Özsoy’un 1990’lardan günümüze endüstriyel malzemelerle (polyester) ürettiği yapıtlar bu gelişmenin, estetiğin ve toplumsal ilişki olanaklarının günümüzdeki örneklerini oluşturuyor. Üretiminin organik yapısı ve mevcut kurumsal düzenin sınırlarını aşıp özgürleşmeyi öngören kavramsal içeriği de adeta kendiliğinden açık alana yönlenmesine yardımcı oluyor. Özsoy’un bu sergi için ürettiği beyaz amorf nesneleri İstanbul boğazının kuzey tepelerindeki bu ekolojik parkta sergilemek istemesi yapıtlarının temelindeki doğaya ilişkin biçimlerin kendi özgün alanında var olmasını sağlıyor.
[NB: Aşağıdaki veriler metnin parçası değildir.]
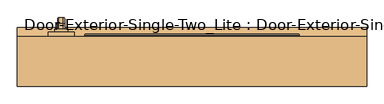
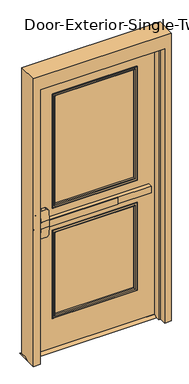
"""IFC4 building model written with IfcOpenShell, lengths in millimetres: door geometry, Door-Exterior-Single-Two_Lite : Door-Exterior-Single-Two_Lite."""

from ifc_helpers import new_model, si_unit, point, frame, frame_2d, origin, place, context, project, spatial, polyline, circle_curve, ellipse_curve, trimmed, segment, composite_curve, outline, extrude, faceted_brep, source, transform, mapped, element, save
from ifc_brep_helpers import plane_surface, cylinder_surface, revolved_surface, advanced_brep


def door_exterior_single_two_lite_door_exterior_single_two_lite_eb677f4d(model_context):
    return source(origin(), model_context, "Body", "SolidModel", [
        extrude(outline(polyline([(86.5, 12.7), (130.95, 12.7), (156.35, 0.0), (61.1, 0.0), (86.5, 12.7)])), frame((-508.0, 0.0, 0.0), z_axis=(1.0, 0.0, 0.0), x_axis=(0.0, 1.0, 0.0)), (0.0, 0.0, 1.0), 1016.0),
        extrude(outline(polyline([(150.2833333, 48.4), (-349.25, 48.4), (-349.25, 54.75), (150.2833333, 54.75), (150.2833333, 48.4)])), frame((0.0, 0.0, 990.6), z_axis=(0.0, 0.0, 1.0), x_axis=(1.0, 0.0, 0.0)), (0.0, 0.0, 1.0), 50.8),
        advanced_brep(
        [(-412.75, 54.75, 1041.4), (-412.75, 54.75, 990.6), (-349.25, 54.75, 990.6), (400.05, 54.75, 990.6), (400.05, 54.75, 1041.4), (-349.25, 54.75, 1041.4), (400.05, 86.5, 1041.4), (400.05, 86.5, 990.6), (-349.25, 86.5, 990.6), (-349.25, 86.5, 927.1), (-368.3, 86.5, 908.05), (-393.7, 86.5, 908.05), (-412.75, 86.5, 927.1), (-412.75, 86.5, 1104.9), (-393.7, 86.5, 1123.95), (-368.3, 86.5, 1123.95), (-349.25, 86.5, 1104.9), (-349.25, 86.5, 1041.4), (-349.25, 57.9252467, 1041.4), (-412.75, 57.9252467, 1041.4), (-412.75, 62.9354269, 1104.9), (-412.75, 62.9354269, 927.1), (-412.75, 57.9252467, 990.6), (-349.25, 57.9252467, 990.6), (-349.25, 62.9354269, 927.1), (-349.25, 62.9354269, 1104.9), (-393.7, 64.438481, 1123.95), (-368.3, 64.438481, 1123.95), (-368.3, 64.438481, 908.05), (-393.7, 64.438481, 908.05)],
        [
            (0, 1),
            (1, 2),
            (2, 3),
            (3, 4),
            (4, 5),
            (5, 0),
            (6, 7),
            (7, 8),
            (8, 9),
            (9, 10, circle_curve(frame((-368.3, 86.5, 927.1), z_axis=(0.0, 1.0, 0.0), x_axis=(1.0, 0.0, 0.0)), 19.05)),
            (10, 11),
            (11, 12, circle_curve(frame((-393.7, 86.5, 927.1), z_axis=(0.0, 1.0, 0.0), x_axis=(1.0, 0.0, 0.0)), 19.05)),
            (12, 13),
            (13, 14, circle_curve(frame((-393.7, 86.5, 1104.9), z_axis=(0.0, 1.0, 0.0), x_axis=(1.0, 0.0, 0.0)), 19.05)),
            (14, 15),
            (15, 16, circle_curve(frame((-368.3, 86.5, 1104.9), z_axis=(0.0, 1.0, 0.0), x_axis=(1.0, 0.0, 0.0)), 19.05)),
            (16, 17),
            (17, 6),
            (4, 6),
            (17, 18),
            (18, 19),
            (19, 0),
            (19, 20),
            (20, 13),
            (12, 21),
            (21, 22),
            (22, 1),
            (7, 3),
            (22, 23),
            (23, 8),
            (23, 24),
            (24, 9),
            (16, 25),
            (25, 18),
            (14, 26),
            (26, 27),
            (27, 15),
            (10, 28),
            (28, 29),
            (29, 11),
            (24, 28, ellipse_curve(frame((-368.3, 62.9354269, 927.1), z_axis=(0.0, 0.9969018152893365, 0.07865602756830282), x_axis=(0.0, -0.07865602756830208, 0.9969018152893365)), 19.1092038, 19.05)),
            (27, 25, ellipse_curve(frame((-368.3, 62.9354269, 1104.9), z_axis=(0.0, 0.9969018152893376, -0.07865602756828934), x_axis=(0.0, -0.078656027568288, -0.9969018152893377)), 19.1092038, 19.05)),
            (20, 26, ellipse_curve(frame((-393.7, 62.9354269, 1104.9), z_axis=(0.0, 0.9969018152893376, -0.07865602756828934), x_axis=(0.0, -0.078656027568288, -0.9969018152893377)), 19.1092038, 19.05)),
            (29, 21, ellipse_curve(frame((-393.7, 62.9354269, 927.1), z_axis=(0.0, 0.9969018152893365, 0.07865602756830282), x_axis=(0.0, -0.07865602756830208, 0.9969018152893365)), 19.1092038, 19.05)),
        ],
        [
            plane_surface(frame((-412.75, 54.75, 1041.4), z_axis=(0.0, -1.0, 0.0), x_axis=(-1.0, 0.0, 0.0))),
            plane_surface(frame((-412.75, 86.5, 1041.4), z_axis=(0.0, 1.0, 0.0), x_axis=(1.0, 0.0, 0.0))),
            plane_surface(frame((400.05, 54.75, 1041.4), z_axis=(0.0, 0.0, 1.0), x_axis=(0.0, 1.0, 0.0))),
            plane_surface(frame((-412.75, 54.75, 1041.4), z_axis=(-1.0, 0.0, 0.0), x_axis=(0.0, 1.0, 0.0))),
            plane_surface(frame((-412.75, 54.75, 990.6), z_axis=(0.0, 0.0, -1.0), x_axis=(0.0, 1.0, 0.0))),
            plane_surface(frame((400.05, 54.75, 990.6), z_axis=(1.0, 0.0, 0.0), x_axis=(0.0, 1.0, 0.0))),
            plane_surface(frame((-349.25, 57.9252467, 927.1), z_axis=(1.0, 0.0, 0.0), x_axis=(0.0, 1.0, 0.0))),
            plane_surface(frame((-368.3, 57.9252467, 1123.95), z_axis=(0.0, 0.0, 1.0), x_axis=(0.0, 1.0, 0.0))),
            plane_surface(frame((-393.7, 57.9252467, 908.05), z_axis=(0.0, 0.0, -1.0), x_axis=(0.0, 1.0, 0.0))),
            cylinder_surface(frame((-368.3, 86.5, 927.1), z_axis=(0.0, -1.0, 0.0), x_axis=(1.0, 0.0, 0.0)), 19.05),
            cylinder_surface(frame((-368.3, 86.5, 1104.9), z_axis=(0.0, -1.0, 0.0), x_axis=(1.0, 0.0, 0.0)), 19.05),
            cylinder_surface(frame((-393.7, 86.5, 1104.9), z_axis=(0.0, -1.0, 0.0), x_axis=(1.0, 0.0, 0.0)), 19.05),
            cylinder_surface(frame((-393.7, 86.5, 927.1), z_axis=(0.0, -1.0, 0.0), x_axis=(1.0, 0.0, 0.0)), 19.05),
            plane_surface(frame((-349.25, 57.9252467, 1041.4), z_axis=(0.0, -0.9969018152893376, 0.07865602756828934), x_axis=(-1.0, 0.0, 0.0))),
            plane_surface(frame((-349.25, 64.438481, 908.05), z_axis=(0.0, -0.9969018152893365, -0.07865602756830282), x_axis=(-1.0, 0.0, 0.0))),
        ],
        [
            (0, [[1, 2, 3, 4, 5, 6]]),
            (1, [[7, 8, 9, 10, 11, 12, 13, 14, 15, 16, 17, 18]]),
            (2, [[19, -18, 20, 21, 22, -6, -5]]),
            (3, [[-1, -22, 23, 24, -13, 25, 26, 27]]),
            (4, [[28, -3, -2, -27, 29, 30, -8]]),
            (5, [[-4, -28, -7, -19]]),
            (6, [[-9, -30, 31, 32]]),
            (6, [[-17, 33, 34, -20]]),
            (7, [[-15, 35, 36, 37]]),
            (8, [[-11, 38, 39, 40]]),
            (9, [[-10, -32, 41, -38]]),
            (10, [[-16, -37, 42, -33]]),
            (11, [[-14, -24, 43, -35]]),
            (12, [[-12, -40, 44, -25]]),
            (13, [[-21, -34, -42, -36, -43, -23]]),
            (14, [[-26, -44, -39, -41, -31, -29]]),
        ],
    ),
        advanced_brep(
        [(-391.0, 143.65, 1017.190625), (-391.0, 143.65, 1014.809375), (-387.428125, 143.65, 1011.2375), (-374.5715406, 143.65, 1011.2375), (-371.0, 143.65, 1014.8090406), (-371.0, 143.65, 1017.190625), (-374.571875, 143.65, 1020.7625), (-387.428125, 143.65, 1020.7625), (-391.0, 143.65, 887.809375), (-387.428125, 143.65, 884.2375), (-374.571875, 143.65, 884.2375), (-371.0, 143.65, 887.809375), (-371.0, 143.65, 890.1909594), (-374.5715406, 143.65, 893.7625), (-387.428125, 143.65, 893.7625), (-391.0, 143.65, 890.190625), (-391.0, 169.05, 1017.190625), (-391.0, 182.940625, 1003.3), (-391.0, 182.940625, 901.7), (-391.0, 169.05, 887.809375), (-391.0, 169.05, 890.190625), (-391.0, 180.559375, 901.7), (-391.0, 180.559375, 1003.3), (-391.0, 169.05, 1014.809375), (-387.428125, 169.05, 1011.2375), (-374.5715406, 169.05, 1011.2375), (-371.0, 169.05, 1014.8090406), (-371.0, 180.5590406, 1003.3), (-371.0, 180.5590406, 901.7), (-371.0, 169.05, 890.1909594), (-371.0, 169.05, 887.809375), (-371.0, 182.940625, 901.7), (-371.0, 182.940625, 1003.3), (-371.0, 169.05, 1017.190625), (-374.571875, 169.05, 1020.7625), (-387.428125, 169.05, 1020.7625), (-387.428125, 176.9875, 1003.3), (-374.5715406, 176.9875, 1003.3), (-374.571875, 186.5125, 1003.3), (-387.428125, 186.5125, 1003.3), (-387.428125, 176.9875, 901.7), (-374.5715406, 176.9875, 901.7), (-374.571875, 186.5125, 901.7), (-387.428125, 186.5125, 901.7), (-387.428125, 169.05, 893.7625), (-374.5715406, 169.05, 893.7625), (-374.571875, 169.05, 884.2375), (-387.428125, 169.05, 884.2375)],
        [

Mart ayından bugüne pandemi koşullarının toplumsal yaşamı makro ve mikro düzeyde şekillendirmesine bağlanan üretimler biçim ve estetik olarak Özsoy’un amorf figürlerinin bir devamı olsa da, bu kez bu yapıtların bir “zeitgeist” (zamanın ruhu) ağırlığı taşıdığı söylenebilir.

Pg Art Gallery

İnsanın varlığını tehdit eden en büyük virüs salgını ile tüm yaşam koşulları köktenci bir değişime girerken, imgelemimize virüsün biçimi sızdı; o gözle görülmeyen virüs protein kaplı bir nükleik asitten oluşan bir organizmadır; içinde DNA ya da RNA taşıyan bir çekirdek taşır. Virüsün yaşaması için canlı bir hücreye, bitki, hayvan ya da bakterilere ihtiyacı vardır ve kendini kopyalayarak çoğalırlar. Virüsün öldürücü gücü ancak mutasyon geçirince yok olabiliyor. Özsoy’un beyaz amorf biçimli çoğaltılmış nesnelerine var olmasını umut ettiğimiz iyileştirici Mutantlar diyebiliriz; doğal alanın iyileştirici ortamında zihnimizdeki öldürücü virüs imgesi yerini kurtuluşu simgeleyen Mutantlara bırakıyor...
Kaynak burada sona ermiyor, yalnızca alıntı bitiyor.